If instead, you have more and smaller bulks, you will end up with more shard-level bulk requests, each one doing its job serially, but they run in parallel. Each bulk request takes up less memory (because they're smaller), both for the request and for the response.

If you have a high bulk queue size, you're just using up lots of memory to queue up bulks, when you should really handle that application side. If you're getting bulk rejects, then it means that ES isn't keeping up and you should back off in your application and retry later.

Reducing the index buffer size from 50% to 20% also frees up 30% of your heap space, which means that ES has more room to handle memory spikes from merging/querying/whatever.

I guess in case of SSDs it makes sense to retain:

Definitely set indices.store.throttle.type: none.

I would, however, delete all the merge settings. These are expert settings and are not easy to reason about. I also don't think they're the source of your problem. Setting index.merge.policy.max_merged_segment to 2gb is just going to result in more segments, which will slow down search. If merges are not keeping up, then Elasticsearch will throttle indexing down to one thread, which should cause your application to back off and allow things to catch up.

Honestly, just sorting out your memory issues will cause a massive improvement because the JVM won't be spending lots of time trying to find a few extra bytes.

You may also want to look at changing the linux scheduler from CFQ to noop. While CFQ is supposed to do the right thing, SSDs are not always detected correctly by the OS and quite often you can get better SSD throughput with the noop scheduler.

We haven't actually experimented using an index for every day,

Definitely worth doing. Expiring documents means marking them as deleted, then doing a merge to remove deleted documents. Probably not as bad as it could be, because you're probably dropping whole segments, but an index per day will definitely be more efficient.

Hi @Clinton_Gormley, thanks so much for the detailed reply. It really helps to get an insight.
I'll configure as you suggested and run the tests.

Just to clarify, the bulk import is being done using a NodeClient. I guess then the split of bulk request into shard level bulk requests would happen on the client side and dispatched to the nodes holding the primary shard.
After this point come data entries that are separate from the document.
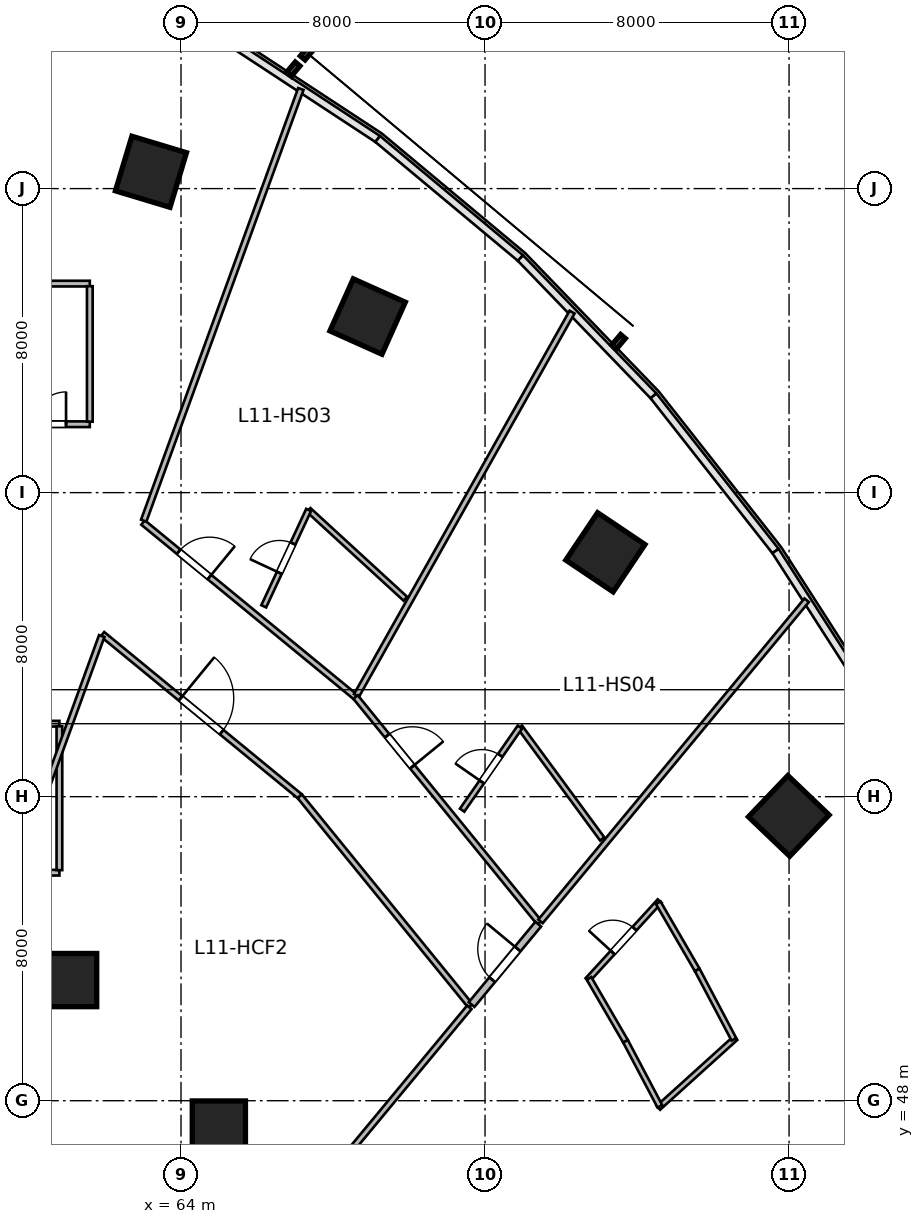
"""IFC4 building model, lengths in metres.
Left out: names, types, materials, properties, quantities, classifications, styles, units other than length and angle.
Written with IfcOpenShell. Run it as: python <this file> out.ifc"""

import sys

from ifc_helpers import new_model, si_unit, direction, frame, frame_2d, origin, origin_2d, place, context, subcontext, project, spatial, rectangle, circle, extrude, source, transform, mapped, element, fill, save


model = new_model("IFC4")
c1 = context("Model", 3, precision=1e-05, world=origin(), true_north=direction((0.0, 1.0)))
c2 = subcontext(c1, "Body", "Model", "MODEL_VIEW")
j1 = project(units=[si_unit("LENGTHUNIT", "METRE"), si_unit("PLANEANGLEUNIT", "RADIAN")], contexts=[c1])
p1 = place(None, origin())
s1 = spatial("IfcSite", under=j1, at=p1, CompositionType="ELEMENT")
p2 = place(p1, origin())
s2 = spatial("IfcBuilding", under=s1, at=p2, CompositionType="ELEMENT")
p3 = place(p2, frame((0.0, 0.0, 53.4)))
s3 = spatial("IfcBuildingStorey", under=s2, at=p3, CompositionType="ELEMENT", Elevation=53.4)
m1 = source(origin(), c2, "Body", "SweptSolid", [
    extrude(rectangle(XDim=1.5, YDim=1.5, at=origin_2d()), origin(), (0.0, 0.0, 1.0), 3.6),
])
p4 = place(p3, frame((63.209, 72.442, 0.0), z_axis=(0.0, 0.0, 1.0), x_axis=(0.288697611798, 0.957420330337, 0.0)))
e1 = element("IfcColumn", 1, at=p4, inside=s3, PredefinedType="COLUMN", context=c2, shape_type="MappedRepresentation", body=[
    mapped(m1, transform((0.0, 0.0, 0.0), scale=1.0)),
])
m2 = source(origin(), c2, "Body", "SweptSolid", [
    extrude(circle(Radius=0.7, at=origin_2d()), origin(), (0.0, 0.0, 1.0), 3.6),
])
p5 = place(p3, frame((61.082, 51.175, 0.0), z_axis=(0.0, 0.0, 1.0), x_axis=(0.409126902895, 0.912477494148, 0.0)))
e2 = element("IfcColumn", 2, at=p5, inside=s3, PredefinedType="COLUMN", context=c2, shape_type="MappedRepresentation", body=[
    mapped(m2, transform((0.0, 0.0, 0.0), scale=1.0)),
])
p6 = place(p3, frame((68.91, 68.633, 0.0), z_axis=(0.0, 0.0, 1.0), x_axis=(0.409126902895, 0.912477494148, 0.0)))
e3 = element("IfcColumn", 3, at=p6, inside=s3, PredefinedType="COLUMN", context=c2, shape_type="MappedRepresentation", body=[
    mapped(m1, transform((0.0, 0.0, 0.0), scale=1.0)),
])
p7 = place(p3, frame((64.996, 47.294, 0.0), z_axis=(0.0, 0.0, 1.0), x_axis=(0.55774510898, 0.830012285095, 0.0)))
e4 = element("IfcColumn", 4, at=p7, inside=s3, PredefinedType="COLUMN", context=c2, shape_type="MappedRepresentation", body=[
    mapped(m2, transform((0.0, 0.0, 0.0), scale=1.0)),
])
for number, where, z_axis, x_axis in (
    (5, (75.167, 62.43, 0.0), (0.0, 0.0, 1.0), (0.558, 0.83, 0.0)),
    (6, (79.993, 55.494, 0.0), (0.0, 0.0, 1.0), (0.691, 0.723, 0.0)),
):
    element("IfcColumn", number, at=place(p3, frame(where, z_axis=z_axis, x_axis=x_axis)), inside=s3, PredefinedType="COLUMN", context=c2, shape_type="MappedRepresentation", body=[
        mapped(m1, transform((0.0, 0.0, 0.0), scale=1.0)),
    ])
m3 = source(origin(), c2, "Body", "SweptSolid", [
    extrude(rectangle(XDim=2.1, YDim=0.15, at=frame_2d((1.05, 0.0))), origin(), (0.0, 0.0, 1.0), 3.36),
])
p8 = place(p3, frame((59.5, 65.8, 0.0), z_axis=(0.0, 0.0, 1.0), x_axis=(1.0, 0.0, 0.0)))
e7 = element("IfcWall", 7, at=p8, inside=s3, PredefinedType="PARTITIONING", context=c2, shape_type="MappedRepresentation", body=[
    mapped(m3, transform((0.0, 0.0, 0.0), scale=1.0)),
])
p9 = place(p8, frame((0.625, 0.0, 0.0)))
e8 = element("IfcOpeningElement", 8, at=p9, cuts=e7, PredefinedType="OPENING", context=c2, shape_type="SweptSolid", body=[
    extrude(rectangle(XDim=0.85, YDim=2.1, at=frame_2d((0.425, 1.05))), frame((0.0, 0.085, 0.0), z_axis=(0.0, -1.0, 0.0), x_axis=(1.0, 0.0, 0.0)), (0.0, 0.0, 1.0), 0.17),
])
p10 = place(p3, frame((59.5, 69.5, 0.0), z_axis=(0.0, 0.0, 1.0), x_axis=(1.0, 0.0, 0.0)))
e9 = element("IfcWall", 9, at=p10, inside=s3, PredefinedType="PARTITIONING", context=c2, shape_type="MappedRepresentation", body=[
    mapped(m3, transform((0.0, 0.0, 0.0), scale=1.0)),
])
m4 = source(origin(), c2, "Body", "SweptSolid", [
    extrude(rectangle(XDim=3.565, YDim=0.15, at=frame_2d((1.783, 0.0))), origin(), (0.0, 0.0, 1.0), 3.36),
])
p11 = place(p3, frame((61.6, 65.867, 0.0), z_axis=(0.0, 0.0, 1.0), x_axis=(0.0, 1.0, 0.0)))
e10 = element("IfcWall", 10, at=p11, inside=s3, PredefinedType="PARTITIONING", context=c2, shape_type="MappedRepresentation", body=[
    mapped(m4, transform((0.0, 0.0, 0.0), scale=1.0)),
])
m5 = source(origin(), c2, "Body", "SweptSolid", [
    extrude(rectangle(XDim=6.6, YDim=0.15, at=frame_2d((3.3, 0.0))), origin(), (0.0, 0.0, 1.0), 2.803),
])
p12 = place(p3, frame((54.2, 54.0, 0.0), z_axis=(0.0, 0.0, 1.0), x_axis=(1.0, 0.0, 0.0)))
e11 = element("IfcWall", 11, at=p12, inside=s3, PredefinedType="PARTITIONING", context=c2, shape_type="MappedRepresentation", body=[
    mapped(m5, transform((0.0, 0.0, 0.0), scale=1.0)),
])
m6 = source(origin(), c2, "Body", "SweptSolid", [
    extrude(rectangle(XDim=6.6, YDim=0.15, at=frame_2d((3.3, 0.0))), origin(), (0.0, 0.0, 1.0), 3.36),
])
p13 = place(p3, frame((54.2, 57.92, 0.0), z_axis=(0.0, 0.0, 1.0), x_axis=(1.0, 0.0, 0.0)))
e12 = element("IfcWall", 12, at=p13, inside=s3, PredefinedType="PARTITIONING", context=c2, shape_type="MappedRepresentation", body=[
    mapped(m6, transform((0.0, 0.0, 0.0), scale=1.0)),
])
p14 = place(p13, frame((2.825, 0.0, 0.0)))
e13 = element("IfcOpeningElement", 13, at=p14, cuts=e12, PredefinedType="OPENING", context=c2, shape_type="SweptSolid", body=[
    extrude(rectangle(XDim=0.95, YDim=2.1, at=frame_2d((0.475, 1.05))), frame((0.0, 0.085, 0.0), z_axis=(0.0, -1.0, 0.0), x_axis=(1.0, 0.0, 0.0)), (0.0, 0.0, 1.0), 0.17),
])
m7 = source(origin(), c2, "Body", "SweptSolid", [
    extrude(rectangle(XDim=3.785, YDim=0.15, at=frame_2d((1.893, 0.0))), origin(), (0.0, 0.0, 1.0), 3.36),
])
p15 = place(p3, frame((60.8, 54.067, 0.0), z_axis=(0.0, 0.0, 1.0), x_axis=(0.0, 1.0, 0.0)))
e14 = element("IfcWall", 14, at=p15, inside=s3, PredefinedType="PARTITIONING", context=c2, shape_type="MappedRepresentation", body=[
    mapped(m7, transform((0.0, 0.0, 0.0), scale=1.0)),
])
m8 = source(origin(), c2, "Body", "SweptSolid", [
    extrude(rectangle(XDim=7.237, YDim=0.15, at=frame_2d((3.618, 0.0))), origin(), (0.0, 0.0, 1.0), 3.36),
])
p16 = place(p3, frame((63.001, 63.214, 0.0), z_axis=(0.0, 0.0, 1.0), x_axis=(0.772813707793, -0.634632943557, 0.0)))
e15 = element("IfcWall", 15, at=p16, inside=s3, PredefinedType="PARTITIONING", context=c2, shape_type="MappedRepresentation", body=[
    mapped(m8, transform((0.0, 0.0, 0.0), scale=1.0)),
])
p17 = place(p16, frame((1.212, 0.0, 0.0)))
e16 = element("IfcOpeningElement", 16, at=p17, cuts=e15, PredefinedType="OPENING", context=c2, shape_type="SweptSolid", body=[
    extrude(rectangle(XDim=1.05, YDim=2.15, at=frame_2d((0.525, 1.075))), frame((0.0, 0.085, 0.0), z_axis=(0.0, -1.0, 0.0), x_axis=(1.0, 0.0, 0.0)), (0.0, 0.0, 1.0), 0.17),
])
m9 = source(origin(), c2, "Body", "SweptSolid", [
    extrude(rectangle(XDim=12.088, YDim=0.15, at=frame_2d((6.044, 0.0))), origin(), (0.0, 0.0, 1.0), 3.36),
])
p18 = place(p3, frame((63.019, 63.262, 0.0), z_axis=(0.0, 0.0, 1.0), x_axis=(0.34203007529, 0.939689005787, 0.0)))
e17 = element("IfcWall", 17, at=p18, inside=s3, PredefinedType="PARTITIONING", context=c2, shape_type="MappedRepresentation", body=[
    mapped(m9, transform((0.0, 0.0, 0.0), scale=1.0)),
])
m10 = source(origin(), c2, "Body", "SweptSolid", [
    extrude(rectangle(XDim=11.573, YDim=0.15, at=frame_2d((5.786, 0.0))), origin(), (0.0, 0.0, 1.0), 3.36),
])
p19 = place(p3, frame((68.618, 58.664, 0.0), z_axis=(0.0, 0.0, 1.0), x_axis=(0.490161073951, 0.871631872744, 0.0)))
e18 = element("IfcWall", 18, at=p19, inside=s3, PredefinedType="PARTITIONING", context=c2, shape_type="MappedRepresentation", body=[
    mapped(m10, transform((0.0, 0.0, 0.0), scale=1.0)),
])
m11 = source(origin(), c2, "Body", "SweptSolid", [
    extrude(rectangle(XDim=3.456, YDim=0.14, at=frame_2d((1.728, 0.0))), origin(), (0.0, 0.0, 1.0), 3.36),
])
p20 = place(p3, frame((67.358, 63.544, 0.0), z_axis=(0.0, 0.0, 1.0), x_axis=(0.736860870293, -0.676044420013, 0.0)))
e19 = element("IfcWall", 19, at=p20, inside=s3, PredefinedType="PARTITIONING", context=c2, shape_type="MappedRepresentation", body=[
    mapped(m11, transform((0.0, 0.0, 0.0), scale=1.0)),
])
m12 = source(origin(), c2, "Body", "SweptSolid", [
    extrude(rectangle(XDim=2.796, YDim=0.14, at=frame_2d((1.398, 0.0))), origin(), (0.0, 0.0, 1.0), 3.36),
])
p21 = place(p3, frame((66.177, 61.009, 0.0), z_axis=(0.0, 0.0, 1.0), x_axis=(0.422316594955, 0.906448395456, 0.0)))
e20 = element("IfcWall", 20, at=p21, inside=s3, PredefinedType="PARTITIONING", context=c2, shape_type="MappedRepresentation", body=[
    mapped(m12, transform((0.0, 0.0, 0.0), scale=1.0)),
])
p22 = place(p21, frame((0.973, 0.0, 0.0)))
e21 = element("IfcOpeningElement", 21, at=p22, cuts=e20, PredefinedType="OPENING", context=c2, shape_type="SweptSolid", body=[
    extrude(rectangle(XDim=0.85, YDim=2.05, at=frame_2d((0.425, 1.025))), frame((0.0, 0.08, 0.0), z_axis=(0.0, -1.0, 0.0), x_axis=(1.0, 0.0, 0.0)), (0.0, 0.0, 1.0), 0.16),
])
m13 = source(origin(), c2, "Body", "SweptSolid", [
    extrude(rectangle(XDim=7.659, YDim=0.15, at=frame_2d((3.829, 0.0))), origin(), (0.0, 0.0, 1.0), 3.36),
])
p23 = place(p3, frame((68.594, 58.621, 0.0), z_axis=(0.0, 0.0, 1.0), x_axis=(0.631489868862, -0.775384127723, 0.0)))
e22 = element("IfcWall", 22, at=p23, inside=s3, PredefinedType="PARTITIONING", context=c2, shape_type="MappedRepresentation", body=[
    mapped(m13, transform((0.0, 0.0, 0.0), scale=1.0)),
])
p24 = place(p23, frame((1.313, 0.0, 0.0)))
e23 = element("IfcOpeningElement", 23, at=p24, cuts=e22, PredefinedType="OPENING", context=c2, shape_type="SweptSolid", body=[
    extrude(rectangle(XDim=1.05, YDim=2.15, at=frame_2d((0.525, 1.075))), frame((0.0, 0.085, 0.0), z_axis=(0.0, -1.0, 0.0), x_axis=(1.0, 0.0, 0.0)), (0.0, 0.0, 1.0), 0.17),
])
m14 = source(origin(), c2, "Body", "SweptSolid", [
    extrude(rectangle(XDim=10.975, YDim=0.15, at=frame_2d((5.487, 0.0))), origin(), (0.0, 0.0, 1.0), 3.36),
])
p25 = place(p3, frame((73.46, 52.719, 0.0), z_axis=(0.0, 0.0, 1.0), x_axis=(0.638125265812, 0.769932558821, 0.0)))
e24 = element("IfcWall", 24, at=p25, inside=s3, PredefinedType="PARTITIONING", context=c2, shape_type="MappedRepresentation", body=[
    mapped(m14, transform((0.0, 0.0, 0.0), scale=1.0)),
])
m15 = source(origin(), c2, "Body", "SweptSolid", [
    extrude(rectangle(XDim=3.656, YDim=0.14, at=frame_2d((1.828, 0.0))), origin(), (0.0, 0.0, 1.0), 3.36),
])
p26 = place(p3, frame((72.918, 57.831, 0.0), z_axis=(0.0, 0.0, 1.0), x_axis=(0.592700141555, -0.805423206892, 0.0)))
e25 = element("IfcWall", 25, at=p26, inside=s3, PredefinedType="PARTITIONING", context=c2, shape_type="MappedRepresentation", body=[
    mapped(m15, transform((0.0, 0.0, 0.0), scale=1.0)),
])
m16 = source(origin(), c2, "Body", "SweptSolid", [
    extrude(rectangle(XDim=2.663, YDim=0.14, at=frame_2d((1.332, 0.0))), origin(), (0.0, 0.0, 1.0), 3.36),
])
p27 = place(p3, frame((71.397, 55.645, 0.0), z_axis=(0.0, 0.0, 1.0), x_axis=(0.570905989724, 0.821015438891, 0.0)))
e26 = element("IfcWall", 26, at=p27, inside=s3, PredefinedType="PARTITIONING", context=c2, shape_type="MappedRepresentation", body=[
    mapped(m16, transform((0.0, 0.0, 0.0), scale=1.0)),
])
p28 = place(p27, frame((0.906, 0.0, 0.0)))
e27 = element("IfcOpeningElement", 27, at=p28, cuts=e26, PredefinedType="OPENING", context=c2, shape_type="SweptSolid", body=[
    extrude(rectangle(XDim=0.85, YDim=2.05, at=frame_2d((0.425, 1.025))), frame((0.0, 0.08, 0.0), z_axis=(0.0, -1.0, 0.0), x_axis=(1.0, 0.0, 0.0)), (0.0, 0.0, 1.0), 0.16),
])
m17 = source(origin(), c2, "Body", "SweptSolid", [
    extrude(rectangle(XDim=6.721, YDim=0.15, at=frame_2d((3.361, 0.0))), origin(), (0.0, 0.0, 1.0), 3.36),
])
p29 = place(p3, frame((61.931, 60.275, 0.0), z_axis=(0.0, 0.0, 1.0), x_axis=(0.772828051199, -0.63461547671, 0.0)))
e28 = element("IfcWall", 28, at=p29, inside=s3, PredefinedType="PARTITIONING", context=c2, shape_type="MappedRepresentation", body=[
    mapped(m17, transform((0.0, 0.0, 0.0), scale=1.0)),
])
p30 = place(p29, frame((2.66, 0.0, 0.0)))
e29 = element("IfcOpeningElement", 29, at=p30, cuts=e28, PredefinedType="OPENING", context=c2, shape_type="SweptSolid", body=[
    extrude(rectangle(XDim=1.4, YDim=2.15, at=frame_2d((0.7, 1.075))), frame((0.0, 0.085, 0.0), z_axis=(0.0, -1.0, 0.0), x_axis=(1.0, 0.0, 0.0)), (0.0, 0.0, 1.0), 0.17),
])
m18 = source(origin(), c2, "Body", "SweptSolid", [
    extrude(rectangle(XDim=7.113, YDim=0.15, at=frame_2d((3.556, 0.0))), origin(), (0.0, 0.0, 1.0), 3.36),
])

Is that correct?

Hi @Clinton_Gormley,

Today, I ran tests on two setups:
setup-a: on one setup I removed all the index.merge.policy.* settings
setup-b: on another setup I retained them as is (see links in previous replies)

The observation was that the performance is better in setup-b than in setup-a. In setup-a, the CPU utilization went as high as 60-70% and after sometime when the merging kicked in, I started to see builk request rejections. However, in setup-b, the CPU utilization always remained < 10% from the start.

The difference is amuzing. Hope you had a chance to see the conversation I had a year back with Mike. He had suggested these setting then. Could there be anything I'm missing? These results suggest that these settings really make a huge difference.